Our two Nigerian kids (Cappuccino and T-Bone) were snuggled up to each other this morning, watching each other's backs. Three of the adults were nearby, but you can't see much of Oreo, just his white markings. Billy is next to him, and that's Sparkle (one of the does) behind them. Freckles was on guard duty near the fence.


----------



## Suzanne_Tyler (Jul 19, 2014)

They are adorable


----------



## Jaeih (Sep 27, 2017)

Aww, thank you! It's a small herd and we haven't had them long, but they're our babies.


----------



## toth boer goats (Jul 20, 2008)

Cute


----------



## QNQ Boers (Oct 12, 2017)

Suzanne_Tyler said:


> They are adorable


So cute


----------



## groovyoldlady (Jul 21, 2011)

I can't see any goats. Somebody turn the light on!


----------



## ibexgoat (Jun 23, 2017)

I can't see them very well but I bet they are really something.


----------



## Jaeih (Sep 27, 2017)

Here's a daylight shot of the entire herd. Billy wants apples!


----------



## Goat_Scout (Mar 23, 2017)

What a pretty herd!


----------



## toth boer goats (Jul 20, 2008)

Nice.


----------



## Jaeih (Sep 27, 2017)

Thank you. 

My husband wanted Boers or Kikos, but the Nigerians are so cute. We're glad we went with this breed.


----------



## Jaeih (Sep 27, 2017)

These two are sisters. The doe in the front is Sparkle, and Freckles is behind her. They sleep like this a lot.


----------



## Suzanne_Tyler (Jul 19, 2014)

I love it when they sleep like that


----------



## toth boer goats (Jul 20, 2008)

So cute.


----------



## GoatGirlInTraining (Mar 26, 2017)

Jaeih said:


> Here's a daylight shot of the entire herd. Billy wants apples!
> View attachment 123516


They are so cute. I have always wanted a full dwarf. I have a mini nubian though.


----------



## Jaeih (Sep 27, 2017)

GoatGirlInTraining said:


> They are so cute. I have always wanted a full dwarf. I have a mini nubian though.
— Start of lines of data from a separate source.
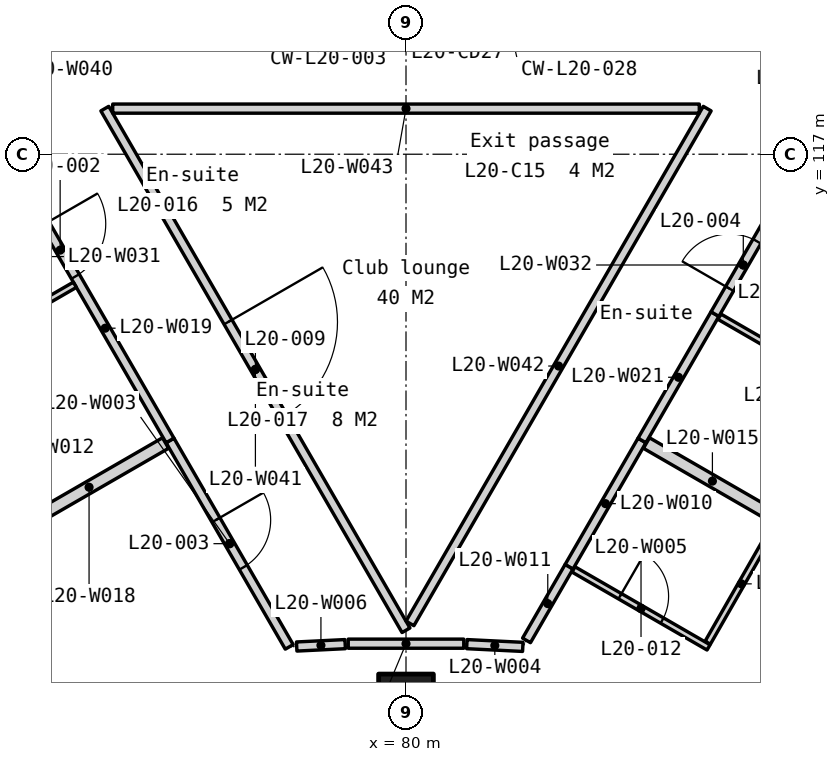
"""IFC4 building model, lengths in metres.
Left out: names, types, materials, properties, quantities, classifications, styles, units other than length and angle.
Written with IfcOpenShell. Run it as: python <this file> out.ifc"""

import sys

from ifc_helpers import new_model, si_unit, direction, frame, frame_2d, origin, origin_2d, place, context, subcontext, project, spatial, polyline, rectangle, outline, extrude, element, fill, save


model = new_model("IFC4")
c1 = context("Model", 3, precision=1e-05, world=origin(), true_north=direction((0.0, 1.0)))
c2 = subcontext(c1, "Body", "Model", "MODEL_VIEW")
j1 = project(units=[si_unit("LENGTHUNIT", "METRE"), si_unit("PLANEANGLEUNIT", "RADIAN")], contexts=[c1])
p1 = place(None, origin())
s1 = spatial("IfcSite", under=j1, at=p1, CompositionType="ELEMENT")
p2 = place(p1, origin())
s2 = spatial("IfcBuilding", under=s1, at=p2, CompositionType="ELEMENT")
p3 = place(p2, frame((0.0, 0.0, 85.3)))
s3 = spatial("IfcBuildingStorey", under=s2, at=p3, CompositionType="ELEMENT", Elevation=85.3)
p4 = place(p3, frame((80.0, 108.0, 0.0), z_axis=(0.0, 0.0, 1.0), x_axis=(1.0, 0.0, 0.0)))
e1 = element("IfcColumn", 1, at=p4, inside=s3, PredefinedType="COLUMN", context=c2, shape_type="SweptSolid", body=[
    extrude(rectangle(XDim=0.9, YDim=0.9, at=origin_2d()), origin(), (0.0, 0.0, 1.0), 3.5),
])
p5 = place(p3, frame((56.073, 130.263, -0.15), z_axis=(0.0, 0.0, 1.0), x_axis=(0.500000478905, -0.866025127289, 0.0)))
e2 = element("IfcWall", 2, at=p5, inside=s3, PredefinedType="SOLIDWALL", context=c2, shape_type="SweptSolid", body=[
    extrude(outline(polyline([(42.643, 0.0), (42.643, 3.5), (0.0, 3.5), (0.0, 0.0), (42.643, 0.0)])), frame((0.0, 0.225, 0.0), z_axis=(0.0, -1.0, 0.0), x_axis=(1.0, 0.0, 0.0)), (0.0, 0.0, 1.0), 0.45),
])
p6 = place(p5, frame((7.079, 0.0, 1.05)))
e3 = element("IfcOpeningElement", 3, at=p6, cuts=e2, PredefinedType="OPENING", context=c2, shape_type="SweptSolid", body=[
    extrude(rectangle(XDim=1.2, YDim=1.5, at=frame_2d((0.6, 0.75))), frame((0.0, 0.235, 0.0), z_axis=(0.0, -1.0, 0.0), x_axis=(1.0, 0.0, 0.0)), (0.0, 0.0, 1.0), 0.47),
])
p7 = place(p5, frame((8.779, 0.0, 1.05)))
e4 = element("IfcOpeningElement", 4, at=p7, cuts=e2, PredefinedType="OPENING", context=c2, shape_type="SweptSolid", body=[
    extrude(rectangle(XDim=1.2, YDim=1.5, at=frame_2d((0.6, 0.75))), frame((0.0, 0.235, 0.0), z_axis=(0.0, -1.0, 0.0), x_axis=(1.0, 0.0, 0.0)), (0.0, 0.0, 1.0), 0.47),
])
p8 = place(p5, frame((15.607, 0.0, 1.05)))
e5 = element("IfcOpeningElement", 5, at=p8, cuts=e2, PredefinedType="OPENING", context=c2, shape_type="SweptSolid", body=[
    extrude(rectangle(XDim=1.2, YDim=1.5, at=frame_2d((0.6, 0.75))), frame((0.0, 0.235, 0.0), z_axis=(0.0, -1.0, 0.0), x_axis=(1.0, 0.0, 0.0)), (0.0, 0.0, 1.0), 0.47),
])
p9 = place(p5, frame((17.307, 0.0, 1.05)))
e6 = element("IfcOpeningElement", 6, at=p9, cuts=e2, PredefinedType="OPENING", context=c2, shape_type="SweptSolid", body=[
    extrude(rectangle(XDim=1.2, YDim=1.5, at=frame_2d((0.6, 0.75))), frame((0.0, 0.235, 0.0), z_axis=(0.0, -1.0, 0.0), x_axis=(1.0, 0.0, 0.0)), (0.0, 0.0, 1.0), 0.47),
])
p10 = place(p5, frame((24.136, 0.0, 1.05)))
e7 = element("IfcOpeningElement", 7, at=p10, cuts=e2, PredefinedType="OPENING", context=c2, shape_type="SweptSolid", body=[
    extrude(rectangle(XDim=1.2, YDim=1.5, at=frame_2d((0.6, 0.75))), frame((0.0, 0.235, 0.0), z_axis=(0.0, -1.0, 0.0), x_axis=(1.0, 0.0, 0.0)), (0.0, 0.0, 1.0), 0.47),
])
p11 = place(p5, frame((25.836, 0.0, 1.05)))
e8 = element("IfcOpeningElement", 8, at=p11, cuts=e2, PredefinedType="OPENING", context=c2, shape_type="SweptSolid", body=[
    extrude(rectangle(XDim=1.2, YDim=1.5, at=frame_2d((0.6, 0.75))), frame((0.0, 0.235, 0.0), z_axis=(0.0, -1.0, 0.0), x_axis=(1.0, 0.0, 0.0)), (0.0, 0.0, 1.0), 0.47),
])
p12 = place(p5, frame((32.665, 0.0, 1.05)))
e9 = element("IfcOpeningElement", 9, at=p12, cuts=e2, PredefinedType="OPENING", context=c2, shape_type="SweptSolid", body=[
    extrude(rectangle(XDim=1.2, YDim=1.5, at=frame_2d((0.6, 0.75))), frame((0.0, 0.235, 0.0), z_axis=(0.0, -1.0, 0.0), x_axis=(1.0, 0.0, 0.0)), (0.0, 0.0, 1.0), 0.47),
])
p13 = place(p5, frame((34.365, 0.0, 1.05)))
e10 = element("IfcOpeningElement", 10, at=p13, cuts=e2, PredefinedType="OPENING", context=c2, shape_type="SweptSolid", body=[
    extrude(rectangle(XDim=1.2, YDim=1.5, at=frame_2d((0.6, 0.75))), frame((0.0, 0.235, 0.0), z_axis=(0.0, -1.0, 0.0), x_axis=(1.0, 0.0, 0.0)), (0.0, 0.0, 1.0), 0.47),
])
p14 = place(p3, frame((82.605, 93.333, -0.15), z_axis=(0.0, 0.0, 1.0), x_axis=(0.500000478905, 0.866025127289, 0.0)))
e11 = element("IfcWall", 11, at=p14, inside=s3, PredefinedType="SOLIDWALL", context=c2, shape_type="SweptSolid", body=[
    extrude(outline(polyline([(42.643, 0.0), (42.643, 3.5), (0.0, 3.5), (0.0, 0.0), (42.643, 0.0)])), frame((0.0, 0.225, 0.0), z_axis=(0.0, -1.0, 0.0), x_axis=(1.0, 0.0, 0.0)), (0.0, 0.0, 1.0), 0.45),
])
p15 = place(p14, frame((7.079, 0.0, 1.05)))
e12 = element("IfcOpeningElement", 12, at=p15, cuts=e11, PredefinedType="OPENING", context=c2, shape_type="SweptSolid", body=[
    extrude(rectangle(XDim=1.2, YDim=1.5, at=frame_2d((0.6, 0.75))), frame((0.0, 0.235, 0.0), z_axis=(0.0, -1.0, 0.0), x_axis=(1.0, 0.0, 0.0)), (0.0, 0.0, 1.0), 0.47),
])
p16 = place(p14, frame((8.779, 0.0, 1.05)))
e13 = element("IfcOpeningElement", 13, at=p16, cuts=e11, PredefinedType="OPENING", context=c2, shape_type="SweptSolid", body=[
    extrude(rectangle(XDim=1.2, YDim=1.5, at=frame_2d((0.6, 0.75))), frame((0.0, 0.235, 0.0), z_axis=(0.0, -1.0, 0.0), x_axis=(1.0, 0.0, 0.0)), (0.0, 0.0, 1.0), 0.47),
])
p17 = place(p14, frame((15.607, 0.0, 1.05)))
e14 = element("IfcOpeningElement", 14, at=p17, cuts=e11, PredefinedType="OPENING", context=c2, shape_type="SweptSolid", body=[
    extrude(rectangle(XDim=1.2, YDim=1.5, at=frame_2d((0.6, 0.75))), frame((0.0, 0.235, 0.0), z_axis=(0.0, -1.0, 0.0), x_axis=(1.0, 0.0, 0.0)), (0.0, 0.0, 1.0), 0.47),
])
p18 = place(p14, frame((17.307, 0.0, 1.05)))
e15 = element("IfcOpeningElement", 15, at=p18, cuts=e11, PredefinedType="OPENING", context=c2, shape_type="SweptSolid", body=[
    extrude(rectangle(XDim=1.2, YDim=1.5, at=frame_2d((0.6, 0.75))), frame((0.0, 0.235, 0.0), z_axis=(0.0, -1.0, 0.0), x_axis=(1.0, 0.0, 0.0)), (0.0, 0.0, 1.0), 0.47),
])
p19 = place(p14, frame((24.136, 0.0, 1.05)))
e16 = element("IfcOpeningElement", 16, at=p19, cuts=e11, PredefinedType="OPENING", context=c2, shape_type="SweptSolid", body=[
    extrude(rectangle(XDim=1.2, YDim=1.5, at=frame_2d((0.6, 0.75))), frame((0.0, 0.235, 0.0), z_axis=(0.0, -1.0, 0.0), x_axis=(1.0, 0.0, 0.0)), (0.0, 0.0, 1.0), 0.47),
])
p20 = place(p14, frame((25.836, 0.0, 1.05)))
e17 = element("IfcOpeningElement", 17, at=p20, cuts=e11, PredefinedType="OPENING", context=c2, shape_type="SweptSolid", body=[
    extrude(rectangle(XDim=1.2, YDim=1.5, at=frame_2d((0.6, 0.75))), frame((0.0, 0.235, 0.0), z_axis=(0.0, -1.0, 0.0), x_axis=(1.0, 0.0, 0.0)), (0.0, 0.0, 1.0), 0.47),
])
p21 = place(p14, frame((32.665, 0.0, 1.05)))
e18 = element("IfcOpeningElement", 18, at=p21, cuts=e11, PredefinedType="OPENING", context=c2, shape_type="SweptSolid", body=[
    extrude(rectangle(XDim=1.2, YDim=1.5, at=frame_2d((0.6, 0.75))), frame((0.0, 0.235, 0.0), z_axis=(0.0, -1.0, 0.0), x_axis=(1.0, 0.0, 0.0)), (0.0, 0.0, 1.0), 0.47),
])
p22 = place(p14, frame((34.365, 0.0, 1.05)))
e19 = element("IfcOpeningElement", 19, at=p22, cuts=e11, PredefinedType="OPENING", context=c2, shape_type="SweptSolid", body=[
    extrude(rectangle(XDim=1.2, YDim=1.5, at=frame_2d((0.6, 0.75))), frame((0.0, 0.235, 0.0), z_axis=(0.0, -1.0, 0.0), x_axis=(1.0, 0.0, 0.0)), (0.0, 0.0, 1.0), 0.47),
])
p23 = place(p3, frame((76.119, 112.292, 0.0), z_axis=(0.0, 0.0, 1.0), x_axis=(0.50006385284, -0.865988535192, 0.0)))
e20 = element("IfcWall", 20, at=p23, inside=s3, PredefinedType="PARTITIONING", context=c2, shape_type="SweptSolid", body=[
    extrude(rectangle(XDim=3.92, YDim=0.15, at=frame_2d((1.96, 0.0))), origin(), (0.0, 0.0, 1.0), 3.35),
])
p24 = place(p23, frame((1.51, 0.0, 0.0)))
e21 = element("IfcOpeningElement", 21, at=p24, cuts=e20, PredefinedType="OPENING", context=c2, shape_type="SweptSolid", body=[
    extrude(rectangle(XDim=0.9, YDim=2.1, at=frame_2d((0.45, 1.05))), frame((0.0, 0.085, 0.0), z_axis=(0.0, -1.0, 0.0), x_axis=(1.0, 0.0, 0.0)), (0.0, 0.0, 1.0), 0.17),
])
p25 = place(p3, frame((81.0, 108.943, 0.0), z_axis=(0.0, 0.0, 1.0), x_axis=(0.998784510433, -0.04928997584, 0.0)))
e22 = element("IfcWall", 22, at=p25, inside=s3, PredefinedType="PARTITIONING", context=c2, shape_type="SweptSolid", body=[
    extrude(rectangle(XDim=0.921, YDim=0.15, at=frame_2d((0.461, 0.0))), origin(), (0.0, 0.0, 1.0), 3.35),
])
p26 = place(p3, frame((82.754, 110.171, 0.0), z_axis=(0.0, 0.0, 1.0), x_axis=(0.866038183914, -0.499977863513, 0.0)))
e23 = element("IfcWall", 23, at=p26, inside=s3, PredefinedType="PARTITIONING", context=c2, shape_type="SweptSolid", body=[
    extrude(rectangle(XDim=2.565, YDim=0.1, at=frame_2d((1.282, 0.0))), origin(), (0.0, 0.0, 1.0), 3.35),
])
p27 = place(p26, frame((0.883, 0.0, 0.0)))
e24 = element("IfcOpeningElement", 24, at=p27, cuts=e23, PredefinedType="OPENING", context=c2, shape_type="SweptSolid", body=[
    extrude(rectangle(XDim=0.8, YDim=2.1, at=frame_2d((0.4, 1.05))), frame((0.0, 0.06, 0.0), z_axis=(0.0, -1.0, 0.0), x_axis=(1.0, 0.0, 0.0)), (0.0, 0.0, 1.0), 0.12),
])
p28 = place(p3, frame((78.202, 108.903, 0.0), z_axis=(0.0, 0.0, 1.0), x_axis=(0.99878643161, 0.049251030778, 0.0)))
e25 = element("IfcWall", 25, at=p28, inside=s3, PredefinedType="PARTITIONING", context=c2, shape_type="SweptSolid", body=[
    extrude(rectangle(XDim=0.798, YDim=0.15, at=frame_2d((0.399, 0.0))), origin(), (0.0, 0.0, 1.0), 3.35),
])
p29 = place(p3, frame((79.05, 108.95, 0.0), z_axis=(0.0, 0.0, 1.0), x_axis=(1.0, 0.0, 0.0)))
e26 = element("IfcWall", 26, at=p29, inside=s3, PredefinedType="PARTITIONING", context=c2, shape_type="SweptSolid", body=[
    extrude(rectangle(XDim=1.9, YDim=0.15, at=frame_2d((0.95, 0.0))), origin(), (0.0, 0.0, 1.0), 3.35),
])
p30 = place(p3, frame((82.681, 110.214, 0.0), z_axis=(0.0, 0.0, 1.0), x_axis=(0.500001309137, 0.866024647952, 0.0)))
e27 = element("IfcWall", 27, at=p30, inside=s3, PredefinedType="PARTITIONING", context=c2, shape_type="SweptSolid", body=[
    extrude(rectangle(XDim=2.4, YDim=0.15, at=frame_2d((1.2, 0.0))), origin(), (0.0, 0.0, 1.0), 3.35),
])
p31 = place(p3, frame((81.982, 109.004, 0.0), z_axis=(0.0, 0.0, 1.0), x_axis=(0.500009789943, 0.866019751484, 0.0)))
e28 = element("IfcWall", 28, at=p31, inside=s3, PredefinedType="PARTITIONING", context=c2, shape_type="SweptSolid", body=[
    extrude(rectangle(XDim=1.397, YDim=0.15, at=frame_2d((0.699, 0.0))), origin(), (0.0, 0.0, 1.0), 3.35),
])
p32 = place(p3, frame((84.962, 108.966, 0.0), z_axis=(0.0, 0.0, 1.0), x_axis=(0.496351132973, 0.868121853657, 0.0)))
e29 = element("IfcWall", 29, at=p32, inside=s3, PredefinedType="PARTITIONING", context=c2, shape_type="SweptSolid", body=[
    extrude(rectangle(XDim=2.23, YDim=0.1, at=frame_2d((1.115, 0.0))), origin(), (0.0, 0.0, 1.0), 3.35),
])
p33 = place(p3, frame((83.954, 112.25, 0.0), z_axis=(0.0, 0.0, 1.0), x_axis=(0.866039519639, -0.499975549825, 0.0)))
e30 = element("IfcWall", 30, at=p33, inside=s3, PredefinedType="PARTITIONING", context=c2, shape_type="SweptSolid", body=[
    extrude(rectangle(XDim=2.505, YDim=0.2, at=frame_2d((1.252, 0.0))), origin(), (0.0, 0.0, 1.0), 3.35),
])
p34 = place(p3, frame((73.53, 110.797, 0.0), z_axis=(0.0, 0.0, 1.0), x_axis=(0.866047038303, 0.499962526042, 0.0)))
e31 = element("IfcWall", 31, at=p34, inside=s3, PredefinedType="PARTITIONING", context=c2, shape_type="SweptSolid", body=[
    extrude(rectangle(XDim=2.905, YDim=0.2, at=frame_2d((1.453, 0.0))), origin(), (0.0, 0.0, 1.0), 3.35),
])
p35 = place(p3, frame((73.987, 115.985, 0.0), z_axis=(0.0, 0.0, 1.0), x_axis=(0.4999752019, -0.866039720501, 0.0)))
e32 = element("IfcWall", 32, at=p35, inside=s3, PredefinedType="PARTITIONING", context=c2, shape_type="SweptSolid", body=[
    extrude(rectangle(XDim=4.264, YDim=0.15, at=frame_2d((2.132, 0.0))), origin(), (0.0, 0.0, 1.0), 3.35),
])
p36 = place(p35, frame((0.15, 0.0, 0.0)))
e33 = element("IfcOpeningElement", 33, at=p36, cuts=e32, PredefinedType="OPENING", context=c2, shape_type="SweptSolid", body=[
    extrude(rectangle(XDim=1.0, YDim=2.1, at=frame_2d((0.5, 1.05))), frame((0.0, 0.085, 0.0), z_axis=(0.0, -1.0, 0.0), x_axis=(1.0, 0.0, 0.0)), (0.0, 0.0, 1.0), 0.17),
])
p37 = place(p3, frame((83.881, 112.292, 0.0), z_axis=(0.0, 0.0, 1.0), x_axis=(0.500001309137, 0.866024647952, 0.0)))
e34 = element("IfcWall", 34, at=p37, inside=s3, PredefinedType="PARTITIONING", context=c2, shape_type="SweptSolid", body=[
    extrude(rectangle(XDim=2.4, YDim=0.15, at=frame_2d((1.2, 0.0))), origin(), (0.0, 0.0, 1.0), 3.35),
])
p38 = place(p3, frame((72.073, 113.42, 0.0), z_axis=(0.0, 0.0, 1.0), x_axis=(0.866047940603, 0.499960963054, 0.0)))
e35 = element("IfcWall", 35, at=p38, inside=s3, PredefinedType="PARTITIONING", context=c2, shape_type="SweptSolid", body=[
    extrude(rectangle(XDim=2.865, YDim=0.1, at=frame_2d((1.433, 0.0))), origin(), (0.0, 0.0, 1.0), 3.35),
])
p39 = place(p3, frame((85.154, 114.328, 0.0), z_axis=(0.0, 0.0, 1.0), x_axis=(0.866074639999, -0.499914710676, 0.0)))
e36 = element("IfcWall", 36, at=p39, inside=s3, PredefinedType="PARTITIONING", context=c2, shape_type="SweptSolid", body=[
    extrude(rectangle(XDim=2.455, YDim=0.1, at=frame_2d((1.228, 0.0))), origin(), (0.0, 0.0, 1.0), 3.35),
])
p40 = place(p39, frame((0.827, 0.0, 0.0)))
e37 = element("IfcOpeningElement", 37, at=p40, cuts=e36, PredefinedType="OPENING", context=c2, shape_type="SweptSolid", body=[
    extrude(rectangle(XDim=0.8, YDim=2.1, at=frame_2d((0.4, 1.05))), frame((0.0, 0.06, 0.0), z_axis=(0.0, -1.0, 0.0), x_axis=(1.0, 0.0, 0.0)), (0.0, 0.0, 1.0), 0.12),
])
p41 = place(p3, frame((85.081, 114.371, 0.0), z_axis=(0.0, 0.0, 1.0), x_axis=(0.499941596792, 0.866059120267, 0.0)))
e38 = element("IfcWall", 38, at=p41, inside=s3, PredefinedType="PARTITIONING", context=c2, shape_type="SweptSolid", body=[
    extrude(rectangle(XDim=1.865, YDim=0.15, at=frame_2d((0.932, 0.0))), origin(), (0.0, 0.0, 1.0), 3.35),
])
p42 = place(p41, frame((0.482, 0.0, 0.0)))
e39 = element("IfcOpeningElement", 39, at=p42, cuts=e38, PredefinedType="OPENING", context=c2, shape_type="SweptSolid", body=[
    extrude(rectangle(XDim=0.9, YDim=2.1, at=frame_2d((0.45, 1.05))), frame((0.0, 0.085, 0.0), z_axis=(0.0, -1.0, 0.0), x_axis=(1.0, 0.0, 0.0)), (0.0, 0.0, 1.0), 0.17),
])
p43 = place(p3, frame((75.047, 117.75, 0.0), z_axis=(0.0, 0.0, 1.0), x_axis=(0.499995505729, -0.866027998537, 0.0)))
e40 = element("IfcWall", 40, at=p43, inside=s3, PredefinedType="PARTITIONING", context=c2, shape_type="SweptSolid", body=[
    extrude(rectangle(XDim=9.907, YDim=0.15, at=frame_2d((4.953, 0.0))), origin(), (0.0, 0.0, 1.0), 3.35),
])
p44 = place(p43, frame((4.053, 0.0, 0.0)))
e41 = element("IfcOpeningElement", 41, at=p44, cuts=e40, PredefinedType="OPENING", context=c2, shape_type="SweptSolid", body=[
    extrude(rectangle(XDim=1.8, YDim=2.1, at=frame_2d((0.9, 1.05))), frame((0.0, 0.085, 0.0), z_axis=(0.0, -1.0, 0.0), x_axis=(1.0, 0.0, 0.0)), (0.0, 0.0, 1.0), 0.17),
])
p45 = place(p3, frame((80.065, 109.283, 0.0), z_axis=(0.0, 0.0, 1.0), x_axis=(0.49999841397, 0.866026319477, 0.0)))
e42 = element("IfcWall", 42, at=p45, inside=s3, PredefinedType="PARTITIONING", context=c2, shape_type="SweptSolid", body=[
    extrude(rectangle(XDim=9.777, YDim=0.15, at=frame_2d((4.888, 0.0))), origin(), (0.0, 0.0, 1.0), 3.35),
])
p46 = place(p3, frame((75.177, 117.75, 0.0), z_axis=(0.0, 0.0, 1.0), x_axis=(1.0, 0.0, 0.0)))
e43 = element("IfcWall", 43, at=p46, inside=s3, PredefinedType="PARTITIONING", context=c2, shape_type="SweptSolid", body=[
    extrude(rectangle(XDim=9.647, YDim=0.15, at=frame_2d((4.823, 0.0))), origin(), (0.0, 0.0, 1.0), 3.35),
])
p47 = place(p36, origin())
e44 = element("IfcDoor", 44, at=p47, inside=s3, OperationType="SINGLE_SWING_LEFT", PredefinedType="DOOR", context=c2, shape_type="SweptSolid", body=[
    extrude(rectangle(XDim=1.0, YDim=2.1, at=frame_2d((0.5, 1.05))), frame((0.0, 0.025, 0.0), z_axis=(0.0, -1.0, 0.0), x_axis=(1.0, 0.0, 0.0)), (0.0, 0.0, 1.0), 0.05),
])
fill(e33, e44)
p48 = place(p24, origin())
e45 = element("IfcDoor", 45, at=p48, inside=s3, OperationType="SINGLE_SWING_LEFT", PredefinedType="DOOR", context=c2, shape_type="SweptSolid", body=[
    extrude(rectangle(XDim=0.9, YDim=2.1, at=frame_2d((0.45, 1.05))), frame((0.0, 0.025, 0.0), z_axis=(0.0, -1.0, 0.0), x_axis=(1.0, 0.0, 0.0)), (0.0, 0.0, 1.0), 0.05),
])
fill(e21, e45)
p49 = place(p42, origin())
e46 = element("IfcDoor", 46, at=p49, inside=s3, OperationType="SINGLE_SWING_LEFT", PredefinedType="DOOR", context=c2, shape_type="SweptSolid", body=[
    extrude(rectangle(XDim=0.9, YDim=2.1, at=frame_2d((0.45, 1.05))), frame((0.0, 0.025, 0.0), z_axis=(0.0, -1.0, 0.0), x_axis=(1.0, 0.0, 0.0)), (0.0, 0.0, 1.0), 0.05),
])
fill(e39, e46)
p50 = place(p44, origin())
e47 = element("IfcDoor", 47, at=p50, inside=s3, OperationType="SINGLE_SWING_LEFT", PredefinedType="DOOR", context=c2, shape_type="SweptSolid", body=[
    extrude(rectangle(XDim=1.8, YDim=2.1, at=frame_2d((0.9, 1.05))), frame((0.0, 0.025, 0.0), z_axis=(0.0, -1.0, 0.0), x_axis=(1.0, 0.0, 0.0)), (0.0, 0.0, 1.0), 0.05),
])
fill(e41, e47)
p51 = place(p27, origin())
e48 = element("IfcDoor", 48, at=p51, inside=s3, OperationType="SINGLE_SWING_LEFT", PredefinedType="DOOR", context=c2, shape_type="SweptSolid", body=[
    extrude(rectangle(XDim=0.8, YDim=2.1, at=frame_2d((0.4, 1.05))), frame((0.0, 0.025, 0.0), z_axis=(0.0, -1.0, 0.0), x_axis=(1.0, 0.0, 0.0)), (0.0, 0.0, 1.0), 0.05),
])
fill(e24, e48)
save(model, sys.argv[1])

You'd love them! They're so fun to watch in the yard, and four out of my six are very friendly.


----------



## RickiRick (Oct 20, 2017)

Jaeih said:


> Here's a daylight shot of the entire herd. Billy wants apples!
> View attachment 123516


So cute


----------



## Jaeih (Sep 27, 2017)

Sparkle has offended Freckles in some way.


----------



## toth boer goats (Jul 20, 2008)

Cute. 

Yep, one said something bad, LOL or wanted the same grass blade, HeHe.


----------